Ratzinger estabeleceu um exemplo para outros clérigos e
futuros papas ao pedir publicamente desculpas às vítimas de abusos e promovendo
encontros regulares com vítimas. Quando resignou, em 2013, a resposta da Igreja
aos abusos estava ainda longe de ser ideal. Mas era também incomensuravelmente
melhor do que quando ele chegou a Roma como um jovem cardeal, em 1982.
A Igreja e aqueles que foram lesados pela Igreja podem
reconhecer isto sem se considerarem satisfeitos. Na verdade, vale a pena
reconhecer que não há nada que a Igreja possa dizer ou fazer, nenhum pedido de
desculpas que possa apresentar, nenhuma justiça que se possa fazer, que seja
satisfatória.
Mas existe alguma satisfação, por mais que o digamos de
voz trémula. E isso é algo de que Bento nos recorda, mesmo enquanto outros
debatem o seu legado. Há semanas ele publicou
uma carta curta, mas marcante. Os parágrafos finais são uma reflexão
pungente sobre culpa, tristeza e exame de consciência diante da morte:
Em todos os meus encontros – sobretudo durante as
numerosas Viagens Apostólicas – com as vítimas de abusos sexuais por parte de
sacerdotes, observei nos olhos as consequências de uma tão grande culpa e
aprendi a compreender que nós mesmos somos arrastados por esta tão grande culpa
quando a negligenciamos ou não a enfrentamos com a necessária decisão e
responsabilidade, como aconteceu e acontece com muita frequência. Como fiz
naqueles encontros, mais uma vez posso apenas expressar a todas as vítimas de
abusos sexuais a minha profunda vergonha, a minha grande dor e o meu sincero
pedido de perdão. Tive grandes responsabilidades na Igreja Católica. Tanto
maior é a minha dor pelos abusos e os erros que se verificaram durante o tempo
do meu mandato nos respetivos lugares. Cada caso de abuso sexual é terrível e
irreparável. Para as vítimas de abusos sexuais, vai a minha profunda compaixão
e lamento cada um dos casos.
Em breve me encontrarei perante o último Juiz da minha
vida. Embora ao olhar retrospetivamente a minha longa vida possa ter tantos
motivos de susto e medo, todavia estou com o coração feliz porque confio
firmemente que o Senhor não é só justo juiz, mas simultaneamente é o amigo e o
irmão que já padeceu, Ele mesmo, as minhas deficiências e, consequentemente, ao
mesmo tempo é juiz e meu advogado (Paráclito).

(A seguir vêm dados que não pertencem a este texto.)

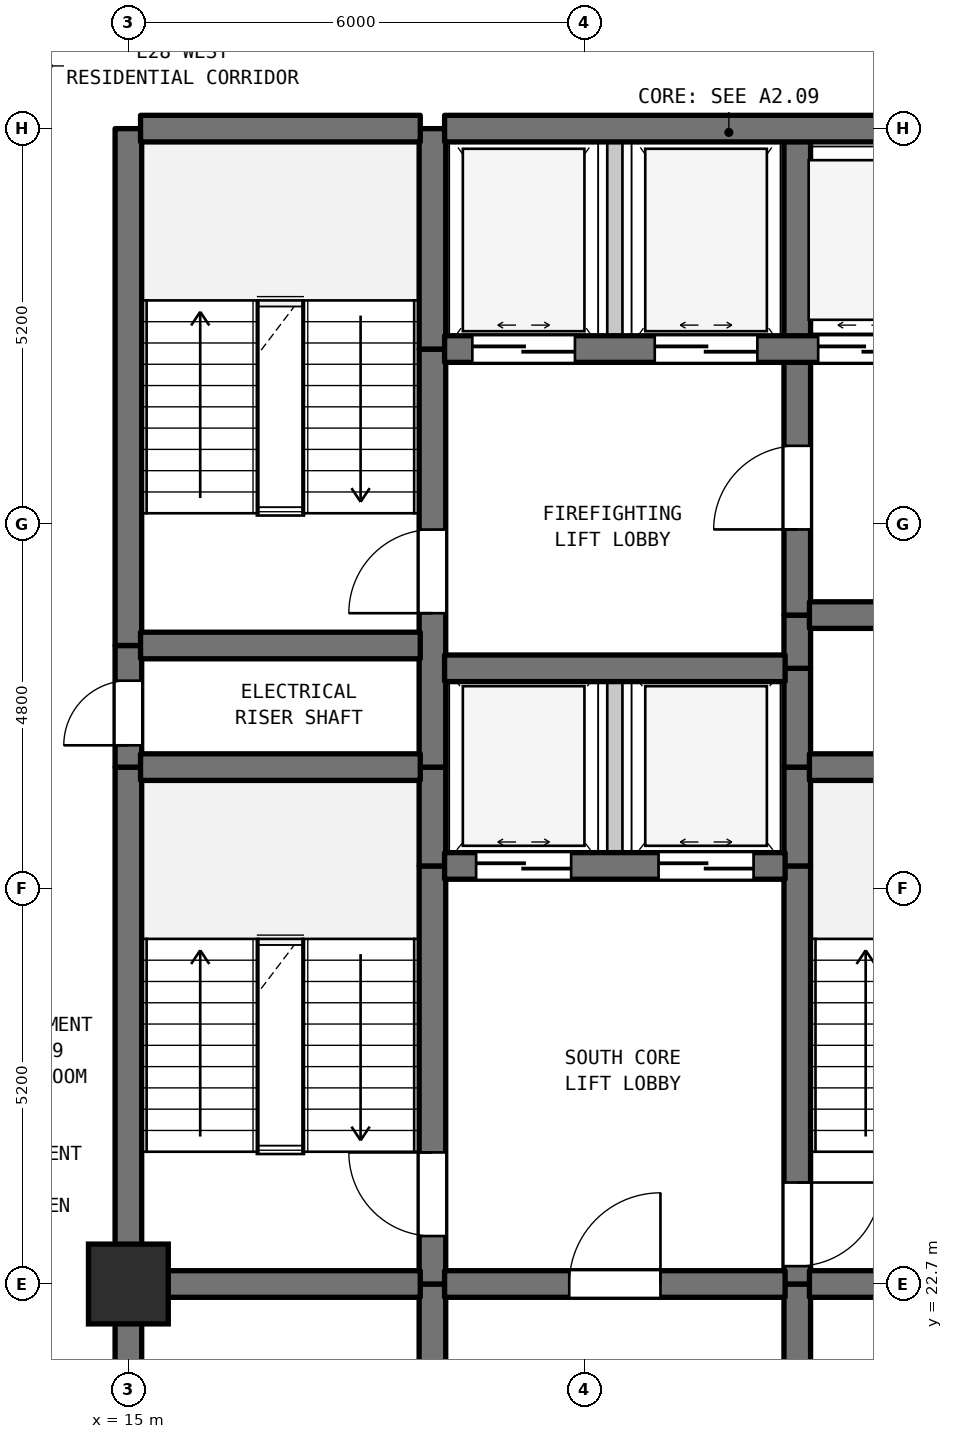
"""IFC4 building model, lengths in metres.
Left out: names, types, materials, properties, quantities, classifications, styles, units other than length and angle.
Written with IfcOpenShell. Run it as: python <this file> out.ifc"""

import sys

from ifc_helpers import new_model, si_unit, direction, frame, frame_2d, origin, origin_2d, place, context, subcontext, project, spatial, rectangle, extrude, element, fill, save


model = new_model("IFC4")
c1 = context("Model", 3, precision=1e-05, world=origin(), true_north=direction((0.0, 1.0)))
c2 = subcontext(c1, "Body", "Model", "MODEL_VIEW")
j1 = project(units=[si_unit("LENGTHUNIT", "METRE"), si_unit("PLANEANGLEUNIT", "RADIAN")], contexts=[c1])
p1 = place(None, origin())
s1 = spatial("IfcSite", under=j1, at=p1, CompositionType="ELEMENT")
p2 = place(p1, origin())
s2 = spatial("IfcBuilding", under=s1, at=p2, CompositionType="ELEMENT")
p3 = place(p2, frame((0.0, 0.0, 116.8)))
s3 = spatial("IfcBuildingStorey", under=s2, at=p3, CompositionType="ELEMENT", Elevation=116.8)
p4 = place(p3, frame((15.0, 22.7, 0.0), z_axis=(0.0, 0.0, 1.0), x_axis=(1.0, 0.0, 0.0)))
e1 = element("IfcColumn", 1, at=p4, inside=s3, PredefinedType="COLUMN", context=c2, shape_type="SweptSolid", body=[
    extrude(rectangle(XDim=1.05, YDim=1.05, at=origin_2d()), origin(), (0.0, 0.0, 1.0), 3.7),
])
p5 = place(p3, frame((15.0, 19.5, 0.0), z_axis=(0.0, 0.0, 1.0), x_axis=(0.0, 1.0, 0.0)))
e2 = element("IfcWall", 2, at=p5, inside=s3, PredefinedType="SHEAR", context=c2, shape_type="SweptSolid", body=[
    extrude(rectangle(XDim=3.2, YDim=0.35, at=frame_2d((1.6, 0.0))), origin(), (0.0, 0.0, 1.0), 3.38),
])
p6 = place(p3, frame((15.0, 22.7, 0.0), z_axis=(0.0, 0.0, 1.0), x_axis=(0.0, 1.0, 0.0)))
e3 = element("IfcWall", 3, at=p6, inside=s3, PredefinedType="SHEAR", context=c2, shape_type="SweptSolid", body=[
    extrude(rectangle(XDim=6.8, YDim=0.35, at=frame_2d((3.4, 0.0))), origin(), (0.0, 0.0, 1.0), 3.38),
])
p7 = place(p3, frame((15.0, 29.5, 0.0), z_axis=(0.0, 0.0, 1.0), x_axis=(0.0, 1.0, 0.0)))
e4 = element("IfcWall", 4, at=p7, inside=s3, PredefinedType="SHEAR", context=c2, shape_type="SweptSolid", body=[
    extrude(rectangle(XDim=1.6, YDim=0.35, at=frame_2d((0.8, 0.0))), origin(), (0.0, 0.0, 1.0), 3.38),
])
p8 = place(p7, frame((0.287, 0.0, 0.0)))
e5 = element("IfcOpeningElement", 5, at=p8, cuts=e4, PredefinedType="OPENING", context=c2, shape_type="SweptSolid", body=[
    extrude(rectangle(XDim=0.85, YDim=2.1, at=frame_2d((0.425, 1.05))), frame((0.0, 0.185, 0.0), z_axis=(0.0, -1.0, 0.0), x_axis=(1.0, 0.0, 0.0)), (0.0, 0.0, 1.0), 0.37),
])
p9 = place(p3, frame((15.0, 31.1, 0.0), z_axis=(0.0, 0.0, 1.0), x_axis=(0.0, 1.0, 0.0)))
e6 = element("IfcWall", 6, at=p9, inside=s3, PredefinedType="SHEAR", context=c2, shape_type="SweptSolid", body=[
    extrude(rectangle(XDim=6.8, YDim=0.35, at=frame_2d((3.4, 0.0))), origin(), (0.0, 0.0, 1.0), 3.38),
])
p10 = place(p3, frame((19.0, 19.5, 0.0), z_axis=(0.0, 0.0, 1.0), x_axis=(0.0, 1.0, 0.0)))
e7 = element("IfcWall", 7, at=p10, inside=s3, PredefinedType="SHEAR", context=c2, shape_type="SweptSolid", body=[
    extrude(rectangle(XDim=3.2, YDim=0.35, at=frame_2d((1.6, 0.0))), origin(), (0.0, 0.0, 1.0), 3.38),
])
p11 = place(p3, frame((19.0, 22.7, 0.0), z_axis=(0.0, 0.0, 1.0), x_axis=(0.0, 1.0, 0.0)))
e8 = element("IfcWall", 8, at=p11, inside=s3, PredefinedType="SHEAR", context=c2, shape_type="SweptSolid", body=[
    extrude(rectangle(XDim=5.5, YDim=0.35, at=frame_2d((2.75, 0.0))), origin(), (0.0, 0.0, 1.0), 3.38),
])
p12 = place(p11, frame((0.631, 0.0, 0.0)))
e9 = element("IfcOpeningElement", 9, at=p12, cuts=e8, PredefinedType="OPENING", context=c2, shape_type="SweptSolid", body=[
    extrude(rectangle(XDim=1.1, YDim=2.15, at=frame_2d((0.55, 1.075))), frame((0.0, 0.185, 0.0), z_axis=(0.0, -1.0, 0.0), x_axis=(1.0, 0.0, 0.0)), (0.0, 0.0, 1.0), 0.37),
])
p13 = place(p3, frame((19.0, 28.2, 0.0), z_axis=(0.0, 0.0, 1.0), x_axis=(0.0, 1.0, 0.0)))
e10 = element("IfcWall", 10, at=p13, inside=s3, PredefinedType="SHEAR", context=c2, shape_type="SweptSolid", body=[
    extrude(rectangle(XDim=1.3, YDim=0.35, at=frame_2d((0.65, 0.0))), origin(), (0.0, 0.0, 1.0), 3.38),
])
p14 = place(p3, frame((19.0, 29.5, 0.0), z_axis=(0.0, 0.0, 1.0), x_axis=(0.0, 1.0, 0.0)))
e11 = element("IfcWall", 11, at=p14, inside=s3, PredefinedType="SHEAR", context=c2, shape_type="SweptSolid", body=[
    extrude(rectangle(XDim=5.5, YDim=0.35, at=frame_2d((2.75, 0.0))), origin(), (0.0, 0.0, 1.0), 3.38),
])
p15 = place(p14, frame((2.025, 0.0, 0.0)))
e12 = element("IfcOpeningElement", 12, at=p15, cuts=e11, PredefinedType="OPENING", context=c2, shape_type="SweptSolid", body=[
    extrude(rectangle(XDim=1.1, YDim=2.15, at=frame_2d((0.55, 1.075))), frame((0.0, 0.185, 0.0), z_axis=(0.0, -1.0, 0.0), x_axis=(1.0, 0.0, 0.0)), (0.0, 0.0, 1.0), 0.37),
])
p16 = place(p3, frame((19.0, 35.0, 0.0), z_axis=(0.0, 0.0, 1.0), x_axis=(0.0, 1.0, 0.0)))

Na perspetiva da hora do juízo,
como se me torna clara a graça de ser cristão! O ser cristão dá-me o
conhecimento, mais ainda, a amizade com o juiz da minha vida e permite-me
atravessar com confiança a porta escura da morte. A propósito, retorna-me sem
cessar à mente o que João conta no início do Apocalipse: vê o Filho do Homem em
toda a sua grandeza e cai aos seus pés como morto. Mas Ele, pousando a mão
direita sobre João, diz-lhe: «Não tenhas medo! Sou eu...» (cf. Ap 1, 12-17).
Rezem por Bento XVI. E rezem com ele pelas vítimas dos
abusos.
Stephen P. White é investigador em Estudos Católicos no
Centro de Ética e de Política Pública em Washington.